De là, compte tenu des trois articles du C.G.I. susrappelés, il était nécessairement conclu qu’à l’occasion de l’exécution de cette formalité, la taxe de publicité foncière était due et devait être liquidée au taux de 0,60%.

Telle est la démarche que la Cour de cassation a formellement approuvée en déclarant que le changement de régime matrimonial en cause "  a pour effet de conférer aux immeubles propres de l’un des époux le statut d’immeubles communs et d’attribuer ainsi sur ces biens à l’autre époux des droits réels dont il se trouvait initialement dépourvu; que cette mutation de droits immobiliers rentre ainsi dans les prévisions de l’article 28, 1er alinéa, a, du décret du 4 janvier 1955. "

Sur la dispense du paiement de la taxe de publicité foncière

Cette dispense, lorsqu’elle a été invoquée d’abord devant le tribunal de Nice, puis au soutien du pourvoi, avait un caractère subsidiaire.
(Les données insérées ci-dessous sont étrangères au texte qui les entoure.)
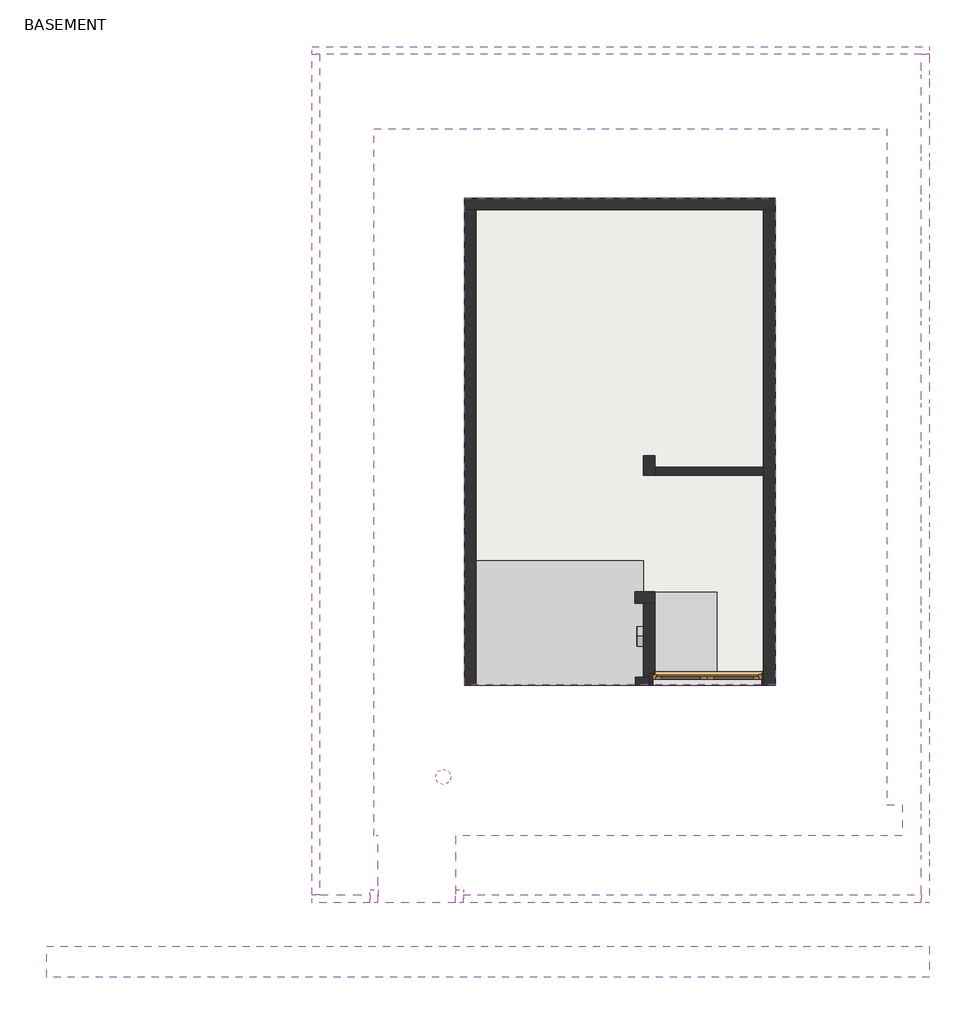
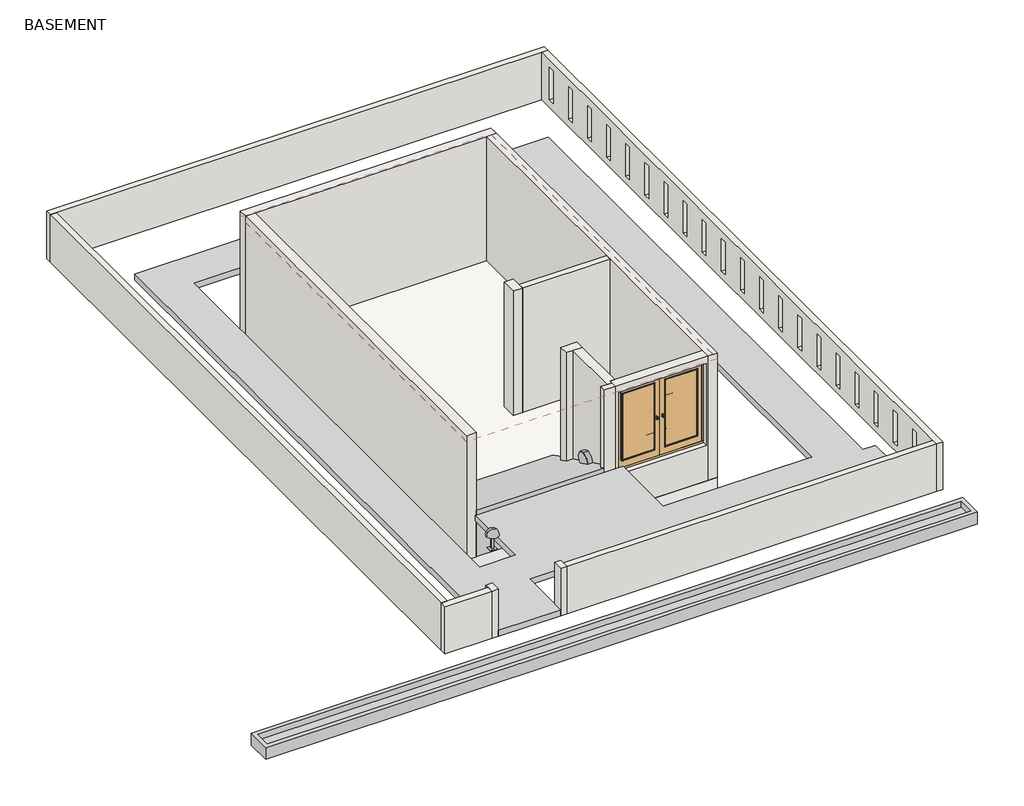
# One storey: 16 walls, 3 proxies, 2 light fixtures, 1 covering, 1 door, 1 slab.
"""IFC4 building model written with IfcOpenShell, lengths in millimetres."""

from ifc_helpers import new_model, si_unit, frame, origin, place, context, project, spatial, polyline, outline, extrude, faceted_brep, transform, mapped, element, save
from components import roads_a759df18, roads_ea5b5616, generic_models_1_generic_models_1_986dd2cf, extdbl_7_2134_x_2110mm_9b31339b, m_sconce_light_flat_round_60w_120v_dc625014, m_table_lamp_hemispheric_60w_120v_fef6e77c

model = new_model("IFC4")

# Units and contexts
model_context = context("Model", 3, world=origin())
ifc_project = project(units=[si_unit("LENGTHUNIT", "METRE", prefix="MILLI")], contexts=[model_context])

# Site, building, storey
site = spatial("IfcSite", under=ifc_project)
building = spatial("IfcBuilding", under=site)
storey = spatial("IfcBuildingStorey", under=building, Name="BASEMENT", Elevation=-3200.4)

# Proxies
placement = place(None, origin())
roads_shape = roads_a759df18(model_context)
element("IfcBuildingElementProxy", 1, Name="Roads", at=placement, inside=storey, context=model_context, shape_type="MappedRepresentation", body=[
    mapped(roads_shape, transform((0.0, 0.0, 0.0), x_axis=(1.0, 0.0, 0.0), y_axis=(0.0, 1.0, 0.0), z_axis=(0.0, 0.0, 1.0))),
])
roads_2_shape = roads_ea5b5616(model_context)
element("IfcBuildingElementProxy", 2, Name="Roads", at=placement, inside=storey, context=model_context, shape_type="MappedRepresentation", body=[
    mapped(roads_2_shape, transform((0.0, 0.0, 0.0), x_axis=(1.0, 0.0, 0.0), y_axis=(0.0, 1.0, 0.0), z_axis=(0.0, 0.0, 1.0))),
])
generic_models_1_generic_models_1_shape = generic_models_1_generic_models_1_986dd2cf(model_context)
element("IfcBuildingElementProxy", 3, Name="Generic Models 1 : Generic Models 1", ObjectType="Generic Models 1 : Generic Models 1", at=placement, inside=storey, context=model_context, shape_type="MappedRepresentation", body=[
    mapped(generic_models_1_generic_models_1_shape, transform((0.0, 0.0, 0.0), x_axis=(1.0, 0.0, 0.0), y_axis=(0.0, 1.0, 0.0), z_axis=(0.0, 0.0, 1.0))),
])

# Covering
element("IfcCovering", 4, ObjectType="2' x 4' ACT System", at=placement, inside=storey, context=model_context, shape_type="SweptSolid", body=[
    extrude(outline(polyline([(-23785.8963079, 6326.0742053), (-17689.8963079, 6326.0742053), (-17689.8963079, -3224.3257947), (-23785.8963079, -3224.3257947), (-23785.8963079, 6326.0742053)])), frame((0.0, 0.0, -152.4), z_axis=(0.0, 0.0, 1.0), x_axis=(1.0, 0.0, 0.0)), (0.0, 0.0, 1.0), 57.15),
])

# Door
extdbl_7_2134_x_2110mm_shape = extdbl_7_2134_x_2110mm_9b31339b(model_context)
element("IfcDoor", 5, ObjectType="ExtDbl (7) : 2134 x 2110mm", at=placement, inside=storey, context=model_context, shape_type="MappedRepresentation", body=[
    mapped(extdbl_7_2134_x_2110mm_shape, transform((-19022.2463079, -3110.0257947, -2286.0), x_axis=(1.0, 0.0, 0.0), y_axis=(0.0, 1.0, 0.0), z_axis=(0.0, 0.0, 1.0))),
])

# Light fixtures
m_sconce_light_flat_round_60w_120v_shape = m_sconce_light_flat_round_60w_120v_dc625014(model_context)
element("IfcLightFixture", 6, ObjectType="M_Sconce Light - Flat Round : 60W - 120V", at=placement, inside=storey, context=model_context, shape_type="MappedRepresentation", body=[
    mapped(m_sconce_light_flat_round_60w_120v_shape, transform((-20166.3963079, -2271.8257947, -4291.8211155), x_axis=(0.0, 1.0, 0.0), y_axis=(-1.0, 0.0, 0.0), z_axis=(0.0, 0.0, 1.0))),
])
m_table_lamp_hemispheric_60w_120v_shape = m_table_lamp_hemispheric_60w_120v_fef6e77c(model_context)
element("IfcLightFixture", 7, ObjectType="M_Table Lamp - Hemispheric : 60W - 120V", at=placement, inside=storey, context=model_context, shape_type="MappedRepresentation", body=[
    mapped(m_table_lamp_hemispheric_60w_120v_shape, transform((-24204.9963079, -5027.7257947, -1676.4), x_axis=(1.0, 0.0, 0.0), y_axis=(0.0, 1.0, 0.0), z_axis=(0.0, 0.0, 1.0))),
])

# Slab
element("IfcSlab", 8, ObjectType="Generic - 12\"", at=placement, inside=storey, context=model_context, shape_type="SweptSolid", body=[
    extrude(outline(polyline([(-23785.8963079, 6326.0742053), (-17689.8963079, 6326.0742053), (-17689.8963079, -3224.3257947), (-23785.8963079, -3224.3257947), (-23785.8963079, 6326.0742053)])), frame((0.0, 0.0, -3505.2), z_axis=(0.0, 0.0, 1.0), x_axis=(1.0, 0.0, 0.0)), (0.0, 0.0, 1.0), 304.8),
])

# Walls
element("IfcWall", 9, ObjectType="Generic - 6\"", at=placement, inside=storey, context=model_context, shape_type="SweptSolid", body=[
    extrude(outline(polyline([(-20052.0963079, 1042.8742053), (-17918.4963079, 1042.8742053), (-17918.4963079, 890.4742053), (-20052.0963079, 890.4742053), (-20052.0963079, 1042.8742053)])), frame((0.0, 0.0, -3200.4), z_axis=(0.0, 0.0, 1.0), x_axis=(1.0, 0.0, 0.0)), (0.0, 0.0, 1.0), 3200.4),
])
element("IfcWall", 10, ObjectType="Generic - 6\"", at=placement, inside=storey, context=model_context, shape_type="Brep", body=[
    faceted_brep([(-20433.0963079, -3224.3257947, -3200.4), (-20166.3963079, -3224.3257947, -3200.4), (-20166.3963079, -3224.3257947, 0.0), (-20433.0963079, -3224.3257947, 0.0), (-20433.0963079, -3071.9257947, -3200.4), (-20433.0963079, -3071.9257947, 0.0), (-20280.6963079, -3071.9257947, 0.0), (-20166.3963079, -3071.9257947, 0.0), (-20166.3963079, -3071.9257947, -3200.4), (-20280.6963079, -3071.9257947, -3200.4)], [[[0, 1, 2, 3]], [[4, 5, 6, 7, 8, 9]], [[1, 0, 4, 9, 8]], [[2, 1, 8, 7]], [[3, 2, 7, 6, 5]], [[0, 3, 5, 4]]]),
])
element("IfcWall", 11, ObjectType="Generic - 6\"", at=placement, inside=storey, context=model_context, shape_type="Brep", body=[
    faceted_brep([(-26783.0963079, 9145.4742053, -1981.2), (-26630.6963079, 9145.4742053, -1981.2), (-14819.6963079, 9145.4742053, -1981.2), (-14667.2963079, 9145.4742053, -1981.2), (-14667.2963079, 9145.4742053, -762.0), (-14819.6963079, 9145.4742053, -762.0), (-26630.6963079, 9145.4742053, -762.0), (-26783.0963079, 9145.4742053, -762.0), (-26783.0963079, 9297.8742053, -1981.2), (-26783.0963079, 9297.8742053, -762.0), (-14667.2963079, 9297.8742053, -762.0), (-14667.2963079, 9297.8742053, -1981.2)], [[[0, 1, 2, 3, 4, 5, 6, 7]], [[8, 9, 10, 11]], [[3, 2, 1, 0, 8, 11]], [[7, 6, 5, 4, 10, 9]], [[4, 3, 11, 10]], [[0, 7, 9, 8]]]),
])
element("IfcWall", 12, ObjectType="Generic - 6\"", at=placement, inside=storey, context=model_context, shape_type="Brep", body=[
    faceted_brep([(-14819.6963079, 9145.4742053, -1981.2), (-14819.6963079, -7339.1257947, -1981.2), (-14819.6963079, -7491.5257947, -1981.2), (-14819.6963079, -7491.5257947, -762.0), (-14819.6963079, -7339.1257947, -762.0), (-14819.6963079, 9145.4742053, -762.0), (-14819.6963079, -6490.3219748, -982.1857398), (-14819.6963079, -6642.4176399, -982.1857398), (-14819.6963079, -6642.4176399, -1818.7118977), (-14819.6963079, -6490.3219748, -1818.7118977), (-14819.6963079, 8667.8340702, -1794.1092134), (-14819.6963079, 8819.9297353, -1794.1092134), (-14819.6963079, 8819.9297353, -957.5830554), (-14819.6963079, 8667.8340702, -957.5830554), (-14819.6963079, 8014.1270137, -1795.4040915), (-14819.6963079, 8014.1270137, -958.8779336), (-14819.6963079, 7862.0313486, -958.8779336), (-14819.6963079, 7862.0313486, -1795.4040915), (-14819.6963079, 7208.3242921, -1796.6989696), (-14819.6963079, 7208.3242921, -960.1728117), (-14819.6963079, 7056.228627, -960.1728117), (-14819.6963079, 7056.228627, -1796.6989696), (-14819.6963079, 6402.5215705, -1797.9938477), (-14819.6963079, 6402.5215705, -961.4676898), (-14819.6963079, 6250.4259054, -961.4676898), (-14819.6963079, 6250.4259054, -1797.9938477), (-14819.6963079, 5596.7188489, -1799.2887259), (-14819.6963079, 5596.7188489, -962.7625679), (-14819.6963079, 5444.6231838, -962.7625679), (-14819.6963079, 5444.6231838, -1799.2887259), (-14819.6963079, 4790.9161273, -1800.583604), (-14819.6963079, 4790.9161273, -964.057446), (-14819.6963079, 4638.8204623, -964.057446), (-14819.6963079, 4638.8204623, -1800.583604), (-14819.6963079, 3985.1134058, -1801.8784821), (-14819.6963079, 3985.1134058, -965.3523242), (-14819.6963079, 3833.0177407, -965.3523242), (-14819.6963079, 3833.0177407, -1801.8784821), (-14819.6963079, 3179.3106842, -1803.1733602), (-14819.6963079, 3179.3106842, -966.6472023), (-14819.6963079, 3027.2150191, -966.6472023), (-14819.6963079, 3027.2150191, -1803.1733602), (-14819.6963079, 2373.5079626, -1804.4682384), (-14819.6963079, 2373.5079626, -967.9420804), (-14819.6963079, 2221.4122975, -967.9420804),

Elle tendait, en effet, à soutenir qu’en tout état de cause et donc même si, ce qui a été le cas, l’erreur de droit incriminée n’était pas retenue par l’autorité judiciaire, l’article 665 du code général des impôts faisait obstacle à la perception de la taxe de publicité foncière sur une convention portant changement de régime matrimonial.

Aux termes de cet article, "  les dispositions sujettes à publicité foncière des décisions judiciaires et des actes exclus du champ d’application de la formalité fusionnée sont soumises au droit d’enregistrement; à l’exception de ceux qui constatent des mutations à titre gratuit ou des baux de plus de douze ans, ces décisions et actes sont dispensés du paiement de la taxe de publicité foncière lors de la formalité de la publication ".

Or, une convention de changement de régime matrimonial n’est pas assujettie à la formalité fusionnée; elle relève du régime prévu pour les contrats de mariage par l’article 847-II du code général des impôts; elle donne donc ouverture au droit fixe d’enregistrement de 500 F fixé audit article, lequel, en vertu des dispositions combinées des articles 245 et 60 respectivement des annexes III et IV de ce code, est payé sur états.

Aussi, Me S... s’était-il fondé sur le second alinéa de l’article 665, pour prétendre qu’en l’espèce, la taxe de publicité foncière n’aurait pu légalement s’ajouter au paiement de ce droit que si dans l’acte, il était convenu un bail de plus de douze ans ou une mutation à titre gratuit.

Cette condition, bien évidemment, n’était pas remplie : l’adoption de la communauté universelle n’a aucun rapport avec la conclusion d’un bail et elle n’a pas non plus le caractère d’une libéralité; même si elle est assortie de la clause d’attribution intégrale au survivant, l’article 1525 du code civil précise que, dans cette stipulation, il n’y a pas donation,  "  ni quant au fond, ni quant à la forme ".

Ces évidences, toutefois, n’avaient aucune importance car la situation de fait était étrangère au champ d’application de l’article 665 qui, comme il ressort du premier alinéa dudit article, concerne les documents où ce sont " les dispositions sujettes à publicité foncière " qui "  sont soumises au droit d’enregistrement ".

Or, le droit fixe de 500 F perçu sur les contrats de mariage est un droit d’acte dont le fait générateur est la rédaction matérielle de l’écrit ainsi dénommé et non les conséquences juridiques des dispositions qu’il renferme;

La prétendue dispense reposait donc sur une argumentation totalement inopérante qui, tant par le tribunal de Nice que par la Cour de cassation, a été écartée de manière implicite mais certaine.

 (1) En matière de droits d’enregistrement, de taxe de publicité foncière, de droits de timbre, de contributions indirectes et de taxes assimilées à ces droits, taxes ou contributions, le double degré de juridiction a été institué par l’article 112 de loi de finances pour 1997, n° 96-1181 du 30 décembre 1996, mais seulement pour les jugements rendus à compter du 1er mars 1998.